Competition Overdose: How Free Market Mythology Transformed Us From Citizen Kings to Market Servants
by
Maurice E. Stucke
and
Ariel Ezrachi
Published 14 May 2020
In subsequent versions of the experiment (there were nineteen in all) Milgram varied the external situational factors to determine the extent to which they altered the degree of obedience.51 Milgram wasn’t really using these experiments to test learners’ memory, but subjects’ compliance. Unbeknownst to the teachers, the learner was actually working with Milgram and was not in fact receiving any shocks. Like the social psychologist Philip Zimbardo, the pioneer of the famous Stanford prison experiment, Milgram was trying to identify the situational factors that enable ordinary people to commit evil acts. Why do we mention Milgram’s and Zimbardo’s experiments?
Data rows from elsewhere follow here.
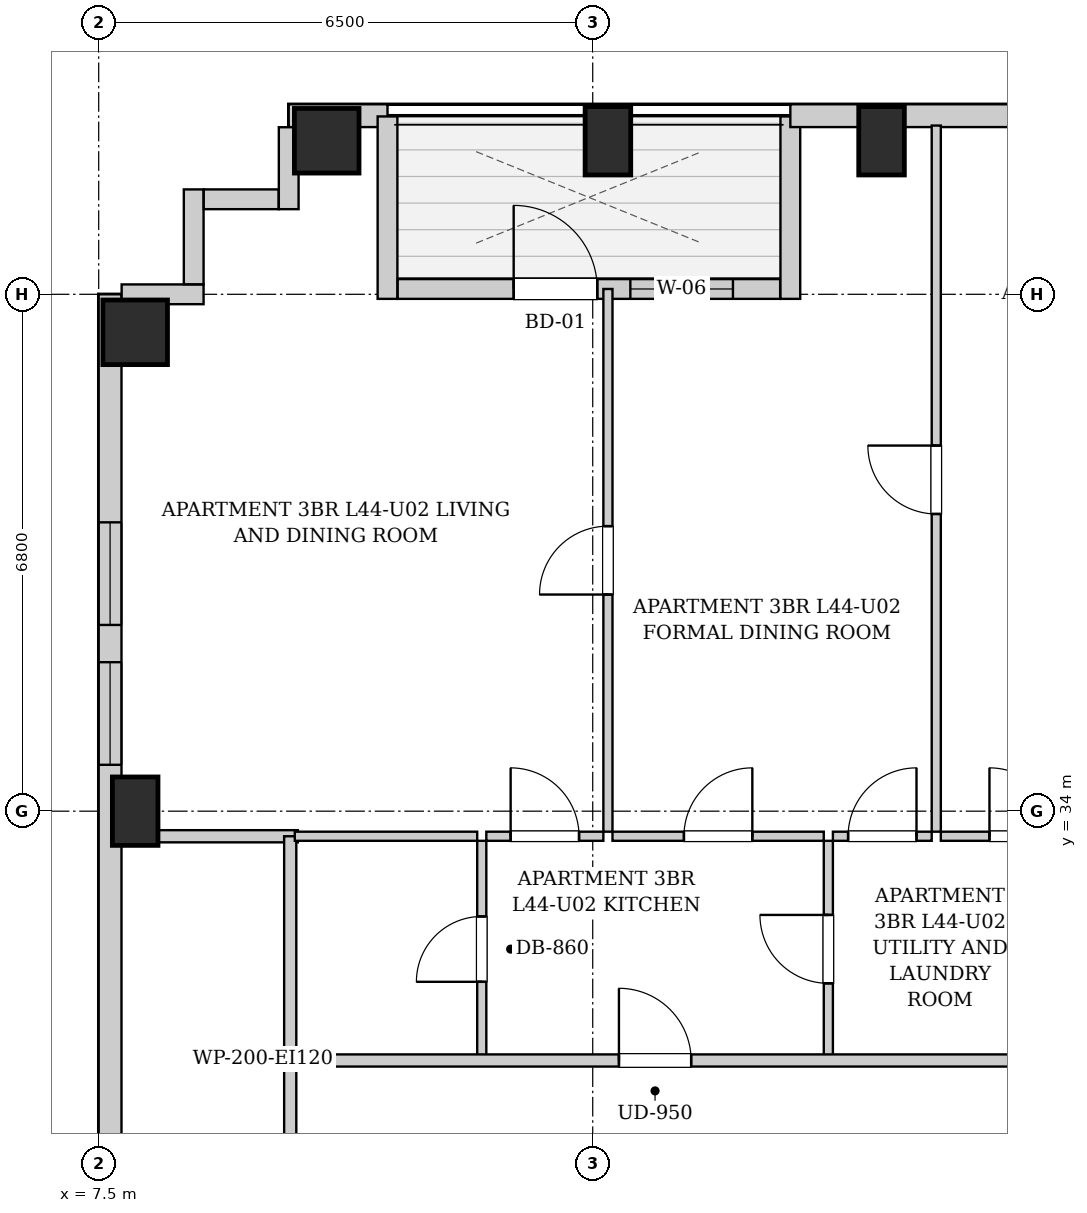
"""IFC4 building model, lengths in metres.
Left out: names, types, materials, properties, quantities, classifications, styles, units other than length and angle.
Written with IfcOpenShell. Run it as: python <this file> out.ifc"""

import sys

from ifc_helpers import new_model, si_unit, direction, frame, frame_2d, origin, origin_2d, place, context, subcontext, project, spatial, rectangle, extrude, element, fill, save


model = new_model("IFC4")
c1 = context("Model", 3, precision=1e-05, world=origin(), true_north=direction((0.0, 1.0)))
c2 = subcontext(c1, "Body", "Model", "MODEL_VIEW")
j1 = project(units=[si_unit("LENGTHUNIT", "METRE"), si_unit("PLANEANGLEUNIT", "RADIAN")], contexts=[c1])
p1 = place(None, origin())
s1 = spatial("IfcSite", under=j1, at=p1, CompositionType="ELEMENT")
p2 = place(p1, origin())
s2 = spatial("IfcBuilding", under=s1, at=p2, CompositionType="ELEMENT")
p3 = place(p2, frame((0.0, 0.0, 153.65)))
s3 = spatial("IfcBuildingStorey", under=s2, at=p3, CompositionType="ELEMENT", Elevation=153.65)
p4 = place(p3, frame((10.5, 42.82, 0.0), z_axis=(0.0, 0.0, 1.0), x_axis=(1.0, 0.0, 0.0)))
e1 = element("IfcColumn", 1, at=p4, inside=s3, PredefinedType="COLUMN", context=c2, shape_type="SweptSolid", body=[
    extrude(rectangle(XDim=0.85, YDim=0.85, at=origin_2d()), origin(), (0.0, 0.0, 1.0), 3.25),
])
for number, where, z_axis, x_axis in (
    (2, (14.2, 42.82, 0.0), (0.0, 0.0, 1.0), (1.0, 0.0, 0.0)),
    (3, (17.8, 42.82, 0.0), (0.0, 0.0, 1.0), (1.0, 0.0, 0.0)),
    (4, (7.98, 34.0, 0.0), (0.0, 0.0, 1.0), (1.0, 0.0, 0.0)),
):
    element("IfcColumn", number, at=place(p3, frame(where, z_axis=z_axis, x_axis=x_axis)), inside=s3, PredefinedType="COLUMN", context=c2, shape_type="SweptSolid", body=[
        extrude(rectangle(XDim=0.6, YDim=0.9, at=origin_2d()), origin(), (0.0, 0.0, 1.0), 3.25),
    ])
p5 = place(p3, frame((7.98, 40.3, 0.0), z_axis=(0.0, 0.0, 1.0), x_axis=(1.0, 0.0, 0.0)))
e5 = element("IfcColumn", 5, at=p5, inside=s3, PredefinedType="COLUMN", context=c2, shape_type="SweptSolid", body=[
    extrude(rectangle(XDim=0.85, YDim=0.85, at=origin_2d()), origin(), (0.0, 0.0, 1.0), 3.25),
])
p6 = place(p3, frame((10.0, 43.15, 0.0), z_axis=(0.0, 0.0, 1.0), x_axis=(1.0, 0.0, 0.0)))
e6 = element("IfcWall", 6, at=p6, inside=s3, PredefinedType="SOLIDWALL", context=c2, shape_type="SweptSolid", body=[
    extrude(rectangle(XDim=1.3, YDim=0.3, at=frame_2d((0.65, 0.0))), origin(), (0.0, 0.0, 1.0), 2.99),
])
p7 = place(p3, frame((11.3, 43.14, 0.0), z_axis=(0.0, 0.0, 1.0), x_axis=(0.0, -1.0, 0.0)))
e7 = element("IfcWall", 7, at=p7, inside=s3, PredefinedType="SOLIDWALL", context=c2, shape_type="SweptSolid", body=[
    extrude(rectangle(XDim=2.4, YDim=0.26, at=frame_2d((1.2, 0.0))), origin(), (0.0, 0.0, 1.0), 2.99),
])
p8 = place(p3, frame((11.434, 40.87, 0.0), z_axis=(0.0, 0.0, 1.0), x_axis=(1.0, 0.0, 0.0)))
e8 = element("IfcWall", 8, at=p8, inside=s3, PredefinedType="SOLIDWALL", context=c2, shape_type="SweptSolid", body=[
    extrude(rectangle(XDim=5.032, YDim=0.26, at=frame_2d((2.516, 0.0))), origin(), (0.0, 0.0, 1.0), 2.99),
])
p9 = place(p8, frame((1.526, 0.0, 0.0)))
e9 = element("IfcOpeningElement", 9, at=p9, cuts=e8, PredefinedType="OPENING", context=c2, shape_type="SweptSolid", body=[
    extrude(rectangle(XDim=1.1, YDim=2.0, at=frame_2d((0.55, 1.0))), frame((0.0, 0.14, 0.0), z_axis=(0.0, -1.0, 0.0), x_axis=(1.0, 0.0, 0.0)), (0.0, 0.0, 1.0), 0.28),
])
p10 = place(p8, frame((3.061, 0.0, 0.85)))
e10 = element("IfcOpeningElement", 10, at=p10, cuts=e8, PredefinedType="OPENING", context=c2, shape_type="SweptSolid", body=[
    extrude(rectangle(XDim=1.35, YDim=1.65, at=frame_2d((0.675, 0.825))), frame((0.0, 0.14, 0.0), z_axis=(0.0, -1.0, 0.0), x_axis=(1.0, 0.0, 0.0)), (0.0, 0.0, 1.0), 0.28),
])
p11 = place(p3, frame((16.6, 40.74, 0.0), z_axis=(0.0, 0.0, 1.0), x_axis=(0.0, 1.0, 0.0)))
e11 = element("IfcWall", 11, at=p11, inside=s3, PredefinedType="SOLIDWALL", context=c2, shape_type="SweptSolid", body=[
    extrude(rectangle(XDim=2.4, YDim=0.26, at=frame_2d((1.2, 0.0))), origin(), (0.0, 0.0, 1.0), 2.99),
])
p12 = place(p3, frame((16.6, 43.15, 0.0), z_axis=(0.0, 0.0, 1.0), x_axis=(1.0, 0.0, 0.0)))
e12 = element("IfcWall", 12, at=p12, inside=s3, PredefinedType="SOLIDWALL", context=c2, shape_type="SweptSolid", body=[
    extrude(rectangle(XDim=13.35, YDim=0.3, at=frame_2d((6.675, 0.0))), origin(), (0.0, 0.0, 1.0), 2.99),
])
p13 = place(p12, frame((3.269, 0.0, 0.55)))
e13 = element("IfcOpeningElement", 13, at=p13, cuts=e12, PredefinedType="OPENING", context=c2, shape_type="SweptSolid", body=[
    extrude(rectangle(XDim=1.35, YDim=1.2, at=frame_2d((0.675, 0.6))), frame((0.0, 0.16, 0.0), z_axis=(0.0, -1.0, 0.0), x_axis=(1.0, 0.0, 0.0)), (0.0, 0.0, 1.0), 0.32),
])
p14 = place(p12, frame((10.93, 0.0, 0.55)))
e14 = element("IfcOpeningElement", 14, at=p14, cuts=e12, PredefinedType="OPENING", context=c2, shape_type="SweptSolid", body=[
    extrude(rectangle(XDim=1.35, YDim=1.2, at=frame_2d((0.675, 0.6))), frame((0.0, 0.16, 0.0), z_axis=(0.0, -1.0, 0.0), x_axis=(1.0, 0.0, 0.0)), (0.0, 0.0, 1.0), 0.32),
])
p15 = place(p3, frame((7.65, 6.3, 0.0), z_axis=(0.0, 0.0, 1.0), x_axis=(0.0, 1.0, 0.0)))
e15 = element("IfcWall", 15, at=p15, inside=s3, PredefinedType="SOLIDWALL", context=c2, shape_type="SweptSolid", body=[
    extrude(rectangle(XDim=34.5, YDim=0.3, at=frame_2d((17.25, 0.0))), origin(), (0.0, 0.0, 1.0), 2.99),
])
p16 = place(p15, frame((1.425, 0.0, 0.55)))
e16 = element("IfcOpeningElement", 16, at=p16, cuts=e15, PredefinedType="OPENING", context=c2, shape_type="SweptSolid", body=[
    extrude(rectangle(XDim=1.35, YDim=1.2, at=frame_2d((0.675, 0.6))), frame((0.0, 0.16, 0.0), z_axis=(0.0, -1.0, 0.0), x_axis=(1.0, 0.0, 0.0)), (0.0, 0.0, 1.0), 0.32),
])
p17 = place(p15, frame((30.15, 0.0, 0.55)))
e17 = element("IfcOpeningElement", 17, at=p17, cuts=e15, PredefinedType="OPENING", context=c2, shape_type="SweptSolid", body=[
    extrude(rectangle(XDim=1.35, YDim=1.2, at=frame_2d((0.675, 0.6))), frame((0.0, 0.16, 0.0), z_axis=(0.0, -1.0, 0.0), x_axis=(1.0, 0.0, 0.0)), (0.0, 0.0, 1.0), 0.32),
])
p18 = place(p15, frame((28.31, 0.0, 0.55)))
e18 = element("IfcOpeningElement", 18, at=p18, cuts=e15, PredefinedType="OPENING", context=c2, shape_type="SweptSolid", body=[
    extrude(rectangle(XDim=1.35, YDim=1.2, at=frame_2d((0.675, 0.6))), frame((0.0, 0.16, 0.0), z_axis=(0.0, -1.0, 0.0), x_axis=(1.0, 0.0, 0.0)), (0.0, 0.0, 1.0), 0.32),
])
p19 = place(p15, frame((10.35, 0.0, 0.55)))
e19 = element("IfcOpeningElement", 19, at=p19, cuts=e15, PredefinedType="OPENING", context=c2, shape_type="SweptSolid", body=[
    extrude(rectangle(XDim=1.35, YDim=1.2, at=frame_2d((0.675, 0.6))), frame((0.0, 0.16, 0.0), z_axis=(0.0, -1.0, 0.0), x_axis=(1.0, 0.0, 0.0)), (0.0, 0.0, 1.0), 0.32),
])
p20 = place(p15, frame((19.725, 0.0, 0.55)))
e20 = element("IfcOpeningElement", 20, at=p20, cuts=e15, PredefinedType="OPENING", context=c2, shape_type="SweptSolid", body=[
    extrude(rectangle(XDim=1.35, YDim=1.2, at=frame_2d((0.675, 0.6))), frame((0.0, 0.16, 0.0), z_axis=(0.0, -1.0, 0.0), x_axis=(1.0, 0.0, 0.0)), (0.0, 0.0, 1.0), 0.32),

Because six of the ten situational factors they identified that led their subjects to commit such horrendous acts could have led us down the path to the dark side of competition (and did).52 One situational factor is to present basic rules that seem to make sense before they are actually put into practice, and then to use them “arbitrarily and impersonally to justify mindless compliance.”53 The way Milgram’s experiment was explained to participants made sense initially (using the effect of a slight penalty—a mild shock—as an incentive to remember).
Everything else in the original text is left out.